Zitierte Normen: § 543 ZPO
VermittlerBankZPOKaltmieteKarlsruhe

Volltext der Entscheidung

BUNDESGERICHTSHOF
BESCHLUSS
vom 26. Februar 2008
in dem Rechtsstreit
 Der XI. Zivilsenat des Bundesgerichtshofes hat am 26. Februar 2008
durch den Vorsitzenden Richter Dr. h.c. Nobbe und die Richter
 Dr.

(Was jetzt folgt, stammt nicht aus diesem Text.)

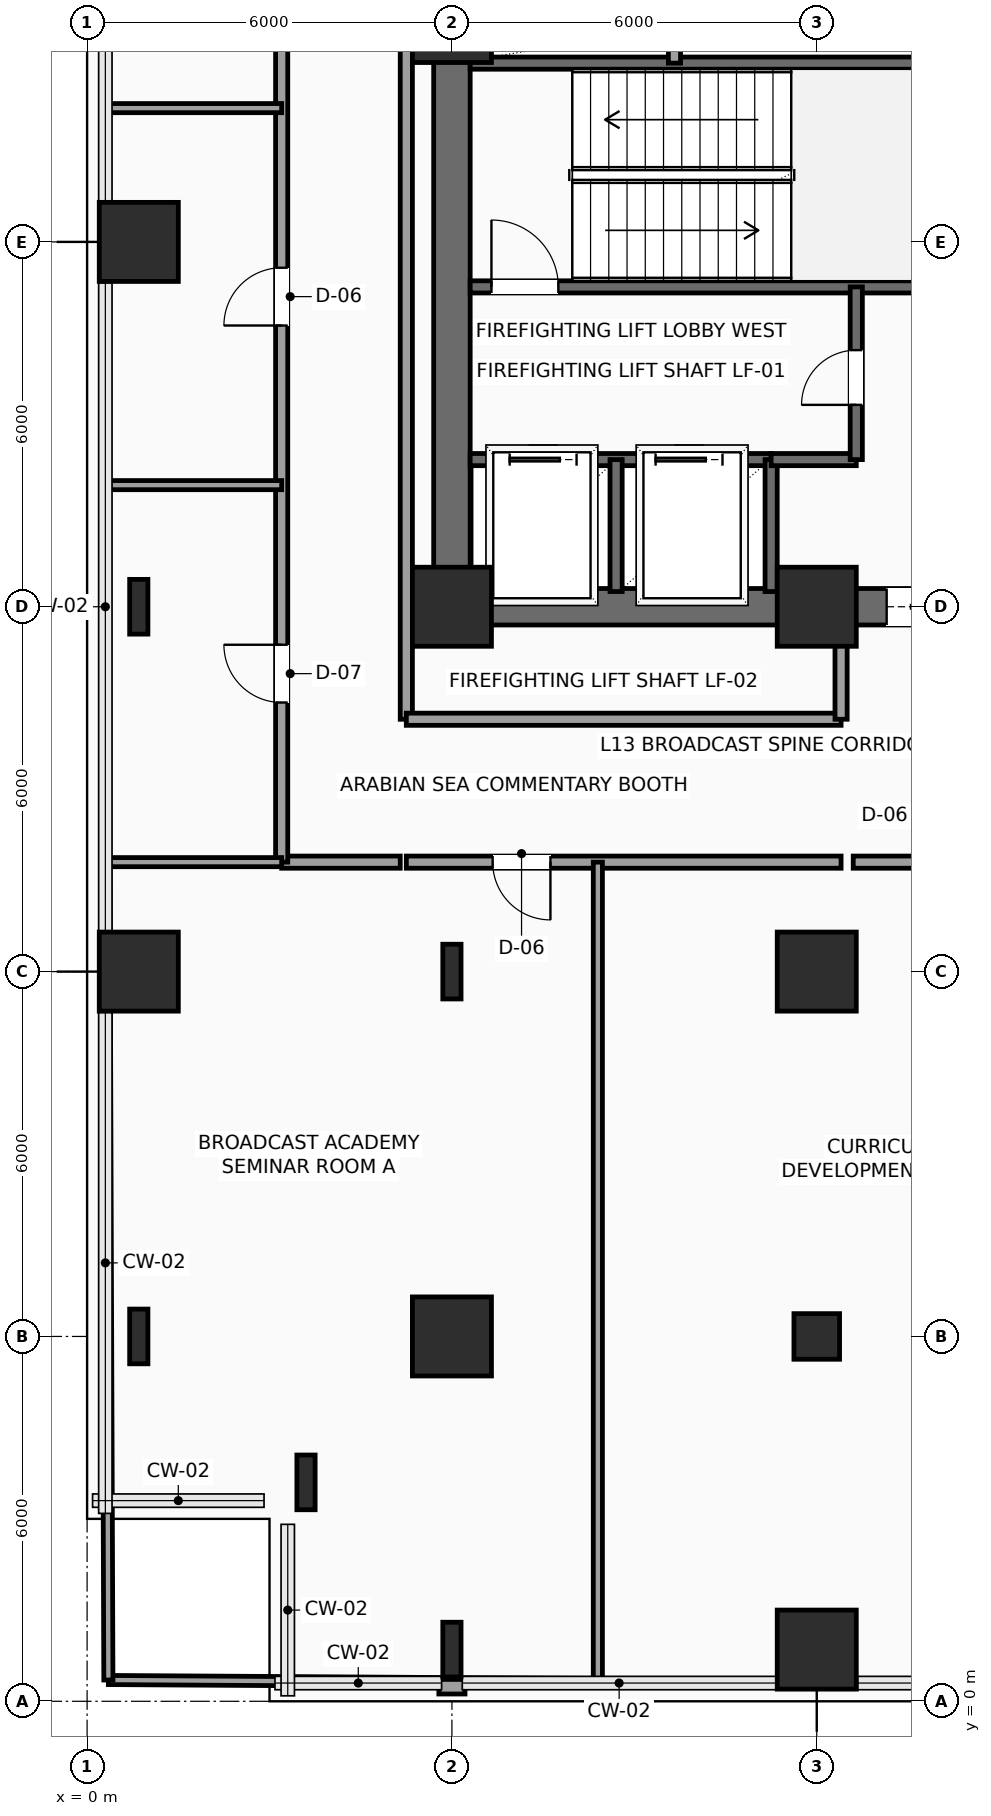
"""IFC4 building model, lengths in metres.
Left out: names, types, materials, properties, quantities, classifications, styles, units other than length and angle.
Written with IfcOpenShell. Run it as: python <this file> out.ifc"""

import sys

from ifc_helpers import new_model, si_unit, direction, frame, frame_2d, origin, origin_2d, place, context, subcontext, project, spatial, rectangle, hollow_rectangle, i_section, extrude, element, fill, save


model = new_model("IFC4")
c1 = context("Model", 3, precision=1e-05, world=origin(), true_north=direction((0.0, 1.0)))
c2 = subcontext(c1, "Body", "Model", "MODEL_VIEW")
j1 = project(units=[si_unit("LENGTHUNIT", "METRE"), si_unit("PLANEANGLEUNIT", "RADIAN")], contexts=[c1])
p1 = place(None, origin())
s1 = spatial("IfcSite", under=j1, at=p1, CompositionType="ELEMENT")
p2 = place(p1, origin())
s2 = spatial("IfcBuilding", under=s1, at=p2, CompositionType="ELEMENT")
p3 = place(p2, frame((0.0, 0.0, 59.7)))
s3 = spatial("IfcBuildingStorey", under=s2, at=p3, CompositionType="ELEMENT", Elevation=59.7)
for number, where, z_axis, x_axis in (
    (1, (6.0, 18.0, 0.0), (0.0, 0.0, 1.0), (1.0, 0.0, 0.0)),
    (2, (12.0, 18.0, 0.0), (0.0, 0.0, 1.0), (1.0, 0.0, 0.0)),
    (3, (6.0, 27.6, 0.0), (0.0, 0.0, 1.0), (1.0, 0.0, 0.0)),
):
    element("IfcColumn", number, at=place(p3, frame(where, z_axis=z_axis, x_axis=x_axis)), inside=s3, PredefinedType="COLUMN", context=c2, shape_type="SweptSolid", body=[
        extrude(rectangle(XDim=1.3, YDim=1.3, at=origin_2d()), origin(), (0.0, 0.0, 1.0), 3.9),
    ])
for number, where, z_axis, x_axis in (
    (4, (3.6, 3.6, 0.0), (0.0, 0.0, 1.0), (1.0, 0.0, 0.0)),
    (5, (0.85, 6.0, 0.0), (0.0, 0.0, 1.0), (1.0, 0.0, 0.0)),
):
    element("IfcColumn", number, at=place(p3, frame(where, z_axis=z_axis, x_axis=x_axis)), inside=s3, PredefinedType="COLUMN", context=c2, shape_type="SweptSolid", body=[
        extrude(i_section(OverallWidth=0.3, OverallDepth=0.9, WebThickness=0.019, FlangeThickness=0.035, FilletRadius=0.03, at=origin_2d()), origin(), (0.0, 0.0, 1.0), 3.9),
    ])
p4 = place(p3, frame((0.85, 12.0, 0.0), z_axis=(0.0, 0.0, 1.0), x_axis=(1.0, 0.0, 0.0)))
e6 = element("IfcColumn", 6, at=p4, inside=s3, PredefinedType="COLUMN", context=c2, shape_type="SweptSolid", body=[
    extrude(rectangle(XDim=1.3, YDim=1.3, at=origin_2d()), origin(), (0.0, 0.0, 1.0), 3.9),
])
p5 = place(p3, frame((0.85, 18.0, 0.0), z_axis=(0.0, 0.0, 1.0), x_axis=(1.0, 0.0, 0.0)))
e7 = element("IfcColumn", 7, at=p5, inside=s3, PredefinedType="COLUMN", context=c2, shape_type="SweptSolid", body=[
    extrude(i_section(OverallWidth=0.3, OverallDepth=0.9, WebThickness=0.019, FlangeThickness=0.035, FilletRadius=0.03, at=origin_2d()), origin(), (0.0, 0.0, 1.0), 3.9),
])
p6 = place(p3, frame((0.85, 24.0, 0.0), z_axis=(0.0, 0.0, 1.0), x_axis=(1.0, 0.0, 0.0)))
e8 = element("IfcColumn", 8, at=p6, inside=s3, PredefinedType="COLUMN", context=c2, shape_type="SweptSolid", body=[
    extrude(rectangle(XDim=1.3, YDim=1.3, at=origin_2d()), origin(), (0.0, 0.0, 1.0), 3.9),
])
p7 = place(p3, frame((6.0, 0.85, 0.0), z_axis=(0.0, 0.0, 1.0), x_axis=(1.0, 0.0, 0.0)))
e9 = element("IfcColumn", 9, at=p7, inside=s3, PredefinedType="COLUMN", context=c2, shape_type="SweptSolid", body=[
    extrude(i_section(OverallWidth=0.3, OverallDepth=0.9, WebThickness=0.019, FlangeThickness=0.035, FilletRadius=0.03, at=origin_2d()), origin(), (0.0, 0.0, 1.0), 3.9),
])
p8 = place(p3, frame((6.0, 6.0, 0.0), z_axis=(0.0, 0.0, 1.0), x_axis=(1.0, 0.0, 0.0)))
e10 = element("IfcColumn", 10, at=p8, inside=s3, PredefinedType="COLUMN", context=c2, shape_type="SweptSolid", body=[
    extrude(rectangle(XDim=1.3, YDim=1.3, at=origin_2d()), origin(), (0.0, 0.0, 1.0), 3.9),
])
p9 = place(p3, frame((6.0, 12.0, 0.0), z_axis=(0.0, 0.0, 1.0), x_axis=(1.0, 0.0, 0.0)))
e11 = element("IfcColumn", 11, at=p9, inside=s3, PredefinedType="COLUMN", context=c2, shape_type="SweptSolid", body=[
    extrude(i_section(OverallWidth=0.3, OverallDepth=0.9, WebThickness=0.019, FlangeThickness=0.035, FilletRadius=0.03, at=origin_2d()), origin(), (0.0, 0.0, 1.0), 3.9),
])
p10 = place(p3, frame((12.0, 0.85, 0.0), z_axis=(0.0, 0.0, 1.0), x_axis=(1.0, 0.0, 0.0)))
e12 = element("IfcColumn", 12, at=p10, inside=s3, PredefinedType="COLUMN", context=c2, shape_type="SweptSolid", body=[
    extrude(rectangle(XDim=1.3, YDim=1.3, at=origin_2d()), origin(), (0.0, 0.0, 1.0), 3.9),
])
p11 = place(p3, frame((12.0, 6.0, 0.0), z_axis=(0.0, 0.0, 1.0), x_axis=(1.0, 0.0, 0.0)))
e13 = element("IfcColumn", 13, at=p11, inside=s3, PredefinedType="COLUMN", context=c2, shape_type="SweptSolid", body=[
    extrude(hollow_rectangle(XDim=0.75, YDim=0.75, WallThickness=0.035, InnerFilletRadius=0.035, OuterFilletRadius=0.05, at=origin_2d()), origin(), (0.0, 0.0, 1.0), 3.9),
])
p12 = place(p3, frame((12.0, 12.0, 0.0), z_axis=(0.0, 0.0, 1.0), x_axis=(1.0, 0.0, 0.0)))
e14 = element("IfcColumn", 14, at=p12, inside=s3, PredefinedType="COLUMN", context=c2, shape_type="SweptSolid", body=[
    extrude(rectangle(XDim=1.3, YDim=1.3, at=origin_2d()), origin(), (0.0, 0.0, 1.0), 3.9),
])
p13 = place(p3, frame((6.215, 0.24, 0.0), z_axis=(0.0, 0.0, 1.0), x_axis=(-1.0, 0.0, 0.0)))
e15 = element("IfcWall", 15, at=p13, inside=s3, PredefinedType="SOLIDWALL", context=c2, shape_type="SweptSolid", body=[
    extrude(rectangle(XDim=0.43, YDim=0.24, at=frame_2d((0.215, 0.0))), origin(), (0.0, 0.0, 1.0), 3.65),
])
p14 = place(p3, frame((6.0, 18.0, 0.0), z_axis=(0.0, 0.0, 1.0), x_axis=(1.0, 0.0, 0.0)))
e16 = element("IfcWall", 16, at=p14, inside=s3, PredefinedType="SHEAR", context=c2, shape_type="SweptSolid", body=[
    extrude(rectangle(XDim=12.0, YDim=0.6, at=frame_2d((6.0, 0.0))), origin(), (0.0, 0.0, 1.0), 3.65),
])
p15 = place(p14, frame((7.15, 0.0, 0.0)))
e17 = element("IfcOpeningElement", 17, at=p15, cuts=e16, PredefinedType="OPENING", context=c2, shape_type="SweptSolid", body=[
    extrude(rectangle(XDim=1.6, YDim=2.3, at=frame_2d((0.8, 1.15))), frame((0.0, 0.31, 0.0), z_axis=(0.0, -1.0, 0.0), x_axis=(1.0, 0.0, 0.0)), (0.0, 0.0, 1.0), 0.62),
])
p16 = place(p3, frame((6.0, 18.0, 0.0), z_axis=(0.0, 0.0, 1.0), x_axis=(0.0, 1.0, 0.0)))
e18 = element("IfcWall", 18, at=p16, inside=s3, PredefinedType="SHEAR", context=c2, shape_type="SweptSolid", body=[
    extrude(rectangle(XDim=9.6, YDim=0.6, at=frame_2d((4.8, 0.0))), origin(), (0.0, 0.0, 1.0), 3.65),
])
p17 = place(p3, frame((6.3, 23.26, 0.0), z_axis=(0.0, 0.0, 1.0), x_axis=(1.0, 0.0, 0.0)))
e19 = element("IfcWall", 19, at=p17, inside=s3, PredefinedType="SHEAR", context=c2, shape_type="SweptSolid", body=[
    extrude(rectangle(XDim=8.88, YDim=0.2, at=frame_2d((4.44, 0.0))), origin(), (0.0, 0.0, 1.0), 3.65),
])
p18 = place(p17, frame((0.35, 0.0, 0.0)))
e20 = element("IfcOpeningElement", 20, at=p18, cuts=e19, PredefinedType="OPENING", context=c2, shape_type="SweptSolid", body=[
    extrude(rectangle(XDim=1.1, YDim=2.2, at=frame_2d((0.55, 1.1))), frame((0.0, 0.11, 0.0), z_axis=(0.0, -1.0, 0.0), x_axis=(1.0, 0.0, 0.0)), (0.0, 0.0, 1.0), 0.22),
])
p19 = place(p3, frame((6.3, 26.94, 0.0), z_axis=(0.0, 0.0, 1.0), x_axis=(1.0, 0.0, 0.0)))
e21 = element("IfcWall", 21, at=p19, inside=s3, PredefinedType="SHEAR", context=c2, shape_type="SweptSolid", body=[
    extrude(rectangle(XDim=8.88, YDim=0.2, at=frame_2d((4.44, 0.0))), origin(), (0.0, 0.0, 1.0), 3.65),
])
p20 = place(p3, frame((6.3, 20.42, 0.0), z_axis=(0.0, 0.0, 1.0), x_axis=(1.0, 0.0, 0.0)))
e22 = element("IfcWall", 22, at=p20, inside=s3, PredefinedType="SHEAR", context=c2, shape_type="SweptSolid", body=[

Müller, Dr. Joeres, Dr. Grüneberg und Maihold
 beschlossen:
Die Beschwerde des Beklagten gegen die Nichtzulassung der Revision in dem Urteil des 17. Zivilsenats des Oberlandesgerichts Karlsruhe vom 21. November 2006 wird zurückgewiesen, weil die Rechtssache keine grundsätzliche Bedeutung hat und die Fortbildung des Rechts sowie die Sicherung einer einheitlichen Rechtsprechung eine Entscheidung des Revisionsgerichts nicht erfordern (§ 543 Abs. 2 Satz 1 ZPO). Dabei kann offen bleiben, ob die Zurückweisung des neuen Vorbringens des Beklagten zur sittenwidrigen Überteuerung der beiden Eigentumswohnungen und zur vom Vermittler angeblich genannten Kaltmiete von 700 DM monatlich durch das Berufungsgericht gemäß § 531 Abs. 2 Satz 1 Nr. 3 ZPO haltbar ist. Das neue Vorbringen des Beklagten ist jedenfalls nicht entscheidungserheblich. Auch im Falle eines institutioneilen Zusammenwirkens zwischen Vermittler und kreditgebender Bank gibt es keine widerlegbare Vermutung der Kenntnis der Bank von einer sittenwidrigen Überteuerung der finanzierten Eigentumswohnung (Senatsurteil vom 23. Oktober 2007 - XI ZR 167/05, WM 2008, 154, 156 Tz. 16). Für eine arglistige Täuschung des Beklagten über die bei den Eigentumswohnungen erzielte Kaltmiete fehlt ausreichender Vortrag. Für
 
die von der Klägerin bestrittene Behauptung, der Vermittler habe die Kaltmiete mit 700 DM pro Wohnung angegeben, fehlt ein Beweisantritt. Zu welchem Mietzins die Wohnungen tatsächlich vermietet waren, hat der Beklagte nicht vorgetragen, geschweige denn dafür Beweis angetreten. Auf die damals in D.	erzielbare	durchschnittliche
 Miete kommt es nicht an. Außerdem fehlt auch insoweit ein Beweisantrag. Von einer evidenten arglistigen Täuschung des Beklagten durch den Vermittler über die tatsächlich erzielte Miete kann danach nicht ausgegangen werden.
Von einer weiteren Begründung wird gemäß § 544 Abs. 4 Satz 2 Halbs. 2 ZPO abgesehen.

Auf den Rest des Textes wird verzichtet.